Michel cautions that there are laws that prohibit employers from asking about health conditions, family histories and other topics that may relate to insurance. Any survey of employees should have questions that are general and related only to benefits, and should be reviewed by an attorney before being distributed.
Once a benefits package is created, it must be communicated effectively to employees. According to the 2011 Aflac WorkForces Report, 46 percent of employees at small companies say their HR departments communicate too little about employee benefits plans.
Michel says each business must determine the best way to get the word out. "Whether you post it in the office, mail it to the employees' homes or have a companywide meeting to roll out a benefit, you need to be sure they understand the benefits and how they work," she says.

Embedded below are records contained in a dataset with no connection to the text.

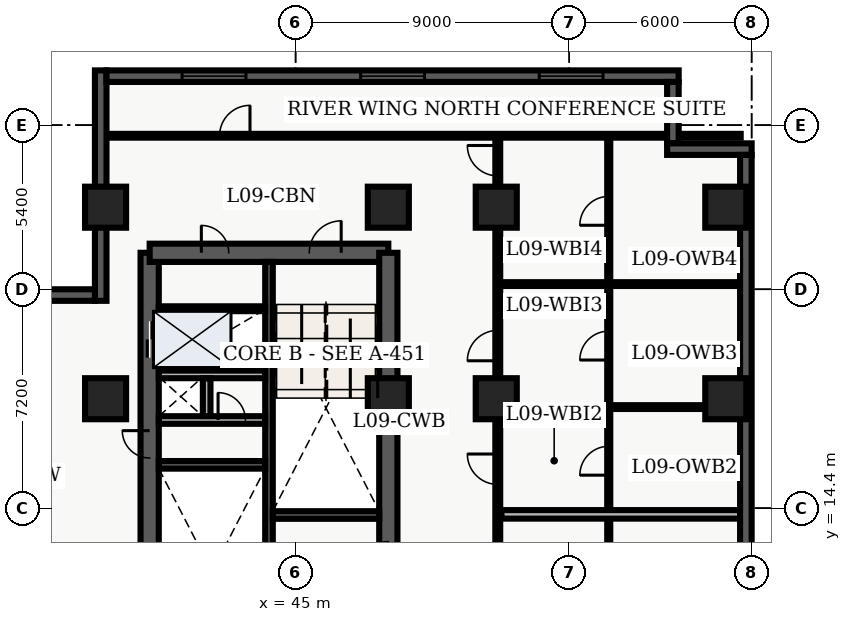
"""IFC4 building model, lengths in metres.
Left out: names, types, materials, properties, quantities, classifications, styles, units other than length and angle.
Written with IfcOpenShell. Run it as: python <this file> out.ifc"""

import sys

from ifc_helpers import new_model, entity, si_unit, converted_unit, direction, frame, origin_with_axes, origin_2d_with_axis, place, context, subcontext, project, spatial, polyline, rectangle, outline, extrude, element, fill, save


model = new_model("IFC4")
c1 = context("Model", 3, precision=1e-05, world=origin_with_axes(), true_north=direction((0.0, 1.0)))
c2 = subcontext(c1, "Body", "Model", "MODEL_VIEW")
j1 = project(units=[si_unit("LENGTHUNIT", "METRE"), converted_unit("PLANEANGLEUNIT", "DEGREE", entity("IfcPlaneAngleMeasure", 0.017), si_unit("PLANEANGLEUNIT", "RADIAN"), dimensions=[0, 0, 0, 0, 0, 0, 0])], contexts=[c1])
p1 = place(None, origin_with_axes())
s1 = spatial("IfcSite", under=j1, at=p1, CompositionType="ELEMENT")
p2 = place(p1, origin_with_axes())
s2 = spatial("IfcBuilding", under=s1, at=p2, CompositionType="ELEMENT")
p3 = place(p2, frame((0.0, 0.0, 40.5), z_axis=(0.0, 0.0, 1.0), x_axis=(1.0, 0.0, 0.0)))
s3 = spatial("IfcBuildingStorey", under=s2, at=p3, CompositionType="ELEMENT", Elevation=40.5)
p4 = place(p3, frame((40.2, 7.2, 0.0), z_axis=(0.0, 0.0, 1.0), x_axis=(0.0, 1.0, 0.0)))
e1 = element("IfcWall", 1, at=p4, inside=s3, PredefinedType="SHEAR", context=c2, shape_type="SweptSolid", body=[
    extrude(outline(polyline([(0.0, -0.3), (15.6, -0.3), (15.6, 0.3), (0.0, 0.3), (0.0, -0.3)])), origin_with_axes(), (0.0, 0.0, 1.0), 3.66),
])
p5 = place(p4, frame((12.75, 0.0, 0.0), z_axis=(0.0, 0.0, 1.0), x_axis=(1.0, 0.0, 0.0)))
e2 = element("IfcOpeningElement", 2, at=p5, cuts=e1, PredefinedType="OPENING", context=c2, shape_type="SweptSolid", body=[
    extrude(rectangle(XDim=1.2, YDim=0.62, at=origin_2d_with_axis()), origin_with_axes(), (0.0, 0.0, 1.0), 2.15),
])
p6 = place(p4, frame((9.3, 0.0, 0.0), z_axis=(0.0, 0.0, 1.0), x_axis=(1.0, 0.0, 0.0)))
e3 = element("IfcOpeningElement", 3, at=p6, cuts=e1, PredefinedType="OPENING", context=c2, shape_type="SweptSolid", body=[
    extrude(rectangle(XDim=0.9, YDim=0.62, at=origin_2d_with_axis()), origin_with_axes(), (0.0, 0.0, 1.0), 2.15),
])
p7 = place(p3, frame((40.2, 22.8, 0.0), z_axis=(0.0, 0.0, 1.0), x_axis=(1.0, 0.0, 0.0)))
e4 = element("IfcWall", 4, at=p7, inside=s3, PredefinedType="SHEAR", context=c2, shape_type="SweptSolid", body=[
    extrude(outline(polyline([(0.0, -0.3), (7.85, -0.3), (7.85, 0.3), (0.0, 0.3), (0.0, -0.3)])), origin_with_axes(), (0.0, 0.0, 1.0), 3.66),
])
p8 = place(p7, frame((5.775, 0.0, 0.0), z_axis=(0.0, 0.0, 1.0), x_axis=(1.0, 0.0, 0.0)))
e5 = element("IfcOpeningElement", 5, at=p8, cuts=e4, PredefinedType="OPENING", context=c2, shape_type="SweptSolid", body=[
    extrude(rectangle(XDim=1.05, YDim=0.62, at=origin_2d_with_axis()), origin_with_axes(), (0.0, 0.0, 1.0), 2.15),
])
p9 = place(p7, frame((2.15, 0.0, 0.0), z_axis=(0.0, 0.0, 1.0), x_axis=(1.0, 0.0, 0.0)))
e6 = element("IfcOpeningElement", 6, at=p9, cuts=e4, PredefinedType="OPENING", context=c2, shape_type="SweptSolid", body=[
    extrude(rectangle(XDim=0.9, YDim=0.62, at=origin_2d_with_axis()), origin_with_axes(), (0.0, 0.0, 1.0), 2.15),
])
p10 = place(p3, frame((48.05, 7.2, 0.0), z_axis=(0.0, 0.0, 1.0), x_axis=(0.0, 1.0, 0.0)))
e7 = element("IfcWall", 7, at=p10, inside=s3, PredefinedType="SHEAR", context=c2, shape_type="SweptSolid", body=[
    extrude(outline(polyline([(0.0, -0.3), (15.6, -0.3), (15.6, 0.3), (0.0, 0.3), (0.0, -0.3)])), origin_with_axes(), (0.0, 0.0, 1.0), 3.66),
])
p11 = place(p10, frame((1.425, 0.0, 0.0), z_axis=(0.0, 0.0, 1.0), x_axis=(1.0, 0.0, 0.0)))
e8 = element("IfcOpeningElement", 8, at=p11, cuts=e7, PredefinedType="OPENING", context=c2, shape_type="SweptSolid", body=[
    extrude(rectangle(XDim=1.05, YDim=0.62, at=origin_2d_with_axis()), origin_with_axes(), (0.0, 0.0, 1.0), 2.15),
])
p12 = place(p10, frame((3.475, 0.0, 0.0), z_axis=(0.0, 0.0, 1.0), x_axis=(1.0, 0.0, 0.0)))
e9 = element("IfcOpeningElement", 9, at=p12, cuts=e7, PredefinedType="OPENING", context=c2, shape_type="SweptSolid", body=[
    extrude(rectangle(XDim=1.05, YDim=0.62, at=origin_2d_with_axis()), origin_with_axes(), (0.0, 0.0, 1.0), 2.15),
])
p13 = place(p10, frame((5.625, 0.0, 0.0), z_axis=(0.0, 0.0, 1.0), x_axis=(1.0, 0.0, 0.0)))
e10 = element("IfcOpeningElement", 10, at=p13, cuts=e7, PredefinedType="OPENING", context=c2, shape_type="SweptSolid", body=[
    extrude(rectangle(XDim=0.95, YDim=0.62, at=origin_2d_with_axis()), origin_with_axes(), (0.0, 0.0, 1.0), 2.15),
])
p14 = place(p3, frame((44.125, 7.5, 0.0), z_axis=(0.0, 0.0, 1.0), x_axis=(0.0, 1.0, 0.0)))
e11 = element("IfcWall", 11, at=p14, inside=s3, PredefinedType="SHEAR", context=c2, shape_type="SweptSolid", body=[
    extrude(outline(polyline([(0.0, -0.125), (15.0, -0.125), (15.0, 0.125), (0.0, 0.125), (0.0, -0.125)])), origin_with_axes(), (0.0, 0.0, 1.0), 3.66),
])
for number, where, z_axis, x_axis in (
    (12, (40.5, 15.825, 0.0), (0.0, 0.0, 1.0), (1.0, 0.0, 0.0)),
    (13, (44.25, 14.175, 0.0), (0.0, 0.0, 1.0), (1.0, 0.0, 0.0)),
):
    element("IfcWall", number, at=place(p3, frame(where, z_axis=z_axis, x_axis=x_axis)), inside=s3, PredefinedType="SHEAR", context=c2, shape_type="SweptSolid", body=[
        extrude(outline(polyline([(0.0, -0.125), (3.5, -0.125), (3.5, 0.125), (0.0, 0.125), (0.0, -0.125)])), origin_with_axes(), (0.0, 0.0, 1.0), 3.66),
    ])
p15 = place(p3, frame((40.5, 17.3, 0.0), z_axis=(0.0, 0.0, 1.0), x_axis=(1.0, 0.0, 0.0)))
e14 = element("IfcWall", 14, at=p15, inside=s3, PredefinedType="SOLIDWALL", context=c2, shape_type="SweptSolid", body=[
    extrude(outline(polyline([(0.0, -0.125), (3.5, -0.125), (3.5, 0.125), (0.0, 0.125), (0.0, -0.125)])), origin_with_axes(), (0.0, 0.0, 1.0), 2.7),
])
p16 = place(p15, frame((2.4, 0.0, 0.0), z_axis=(0.0, 0.0, 1.0), x_axis=(1.0, 0.0, 0.0)))
e15 = element("IfcOpeningElement", 15, at=p16, cuts=e14, PredefinedType="OPENING", context=c2, shape_type="SweptSolid", body=[
    extrude(rectangle(XDim=0.9, YDim=0.27, at=origin_2d_with_axis()), origin_with_axes(), (0.0, 0.0, 1.0), 2.15),
])
p17 = place(p3, frame((40.5, 18.8, 0.0), z_axis=(0.0, 0.0, 1.0), x_axis=(1.0, 0.0, 0.0)))
e16 = element("IfcWall", 16, at=p17, inside=s3, PredefinedType="SOLIDWALL", context=c2, shape_type="SweptSolid", body=[
    extrude(outline(polyline([(0.0, -0.125), (3.5, -0.125), (3.5, 0.125), (0.0, 0.125), (0.0, -0.125)])), origin_with_axes(), (0.0, 0.0, 1.0), 2.7),
])
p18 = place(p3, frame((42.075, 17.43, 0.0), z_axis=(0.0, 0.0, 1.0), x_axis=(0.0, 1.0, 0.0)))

Delorey emphasizes that the key to a high-performing benefits package is for employers to understand their people and their mission, and to align their benefits with both. He also urges employers to realize that the more time and education they invest in finding the right program, the better the payoff will be, in the form of lower costs and quality plans.
"It's easy for employers to say, 'I have to go to this established insurer and take this off-the-shelf plan,'" he says. "But if you put a little more effort into it like you do some other aspects of your business, you will be rewarded."
Employee benefits programs can be confusing--in fact, they often seem to operate with a language all their own. Here's a glossary of some key terms.
Employee Retirement Income Security Act of 1974 (ERISA): A federal law that sets operating standards for employee benefits plans.
Flexible spending account (FSA): Also known as healthcare/dependent-care reimbursement accounts, FSAs allow employees to save pretax dollars to pay healthcare and child-care expenses.
High-deductible health plan (HDHP): A health insurance plan that offers lower premiums and a higher deductible than traditional health plans. HDHPs are typically used in conjunction with pretax health savings accounts (HSAs).
Third Party Administrator (TPA): The person (or organization) responsible for providing administrative services, including processing claims, for employee benefits plans.
Wellness program: A group of services or events offered by an employer designed to lower the number of claims and claim costs by promoting improved health among employees. Such programs may include health screenings, flu shots, smoking-cessation groups and discounts on exercise classes and diet plans.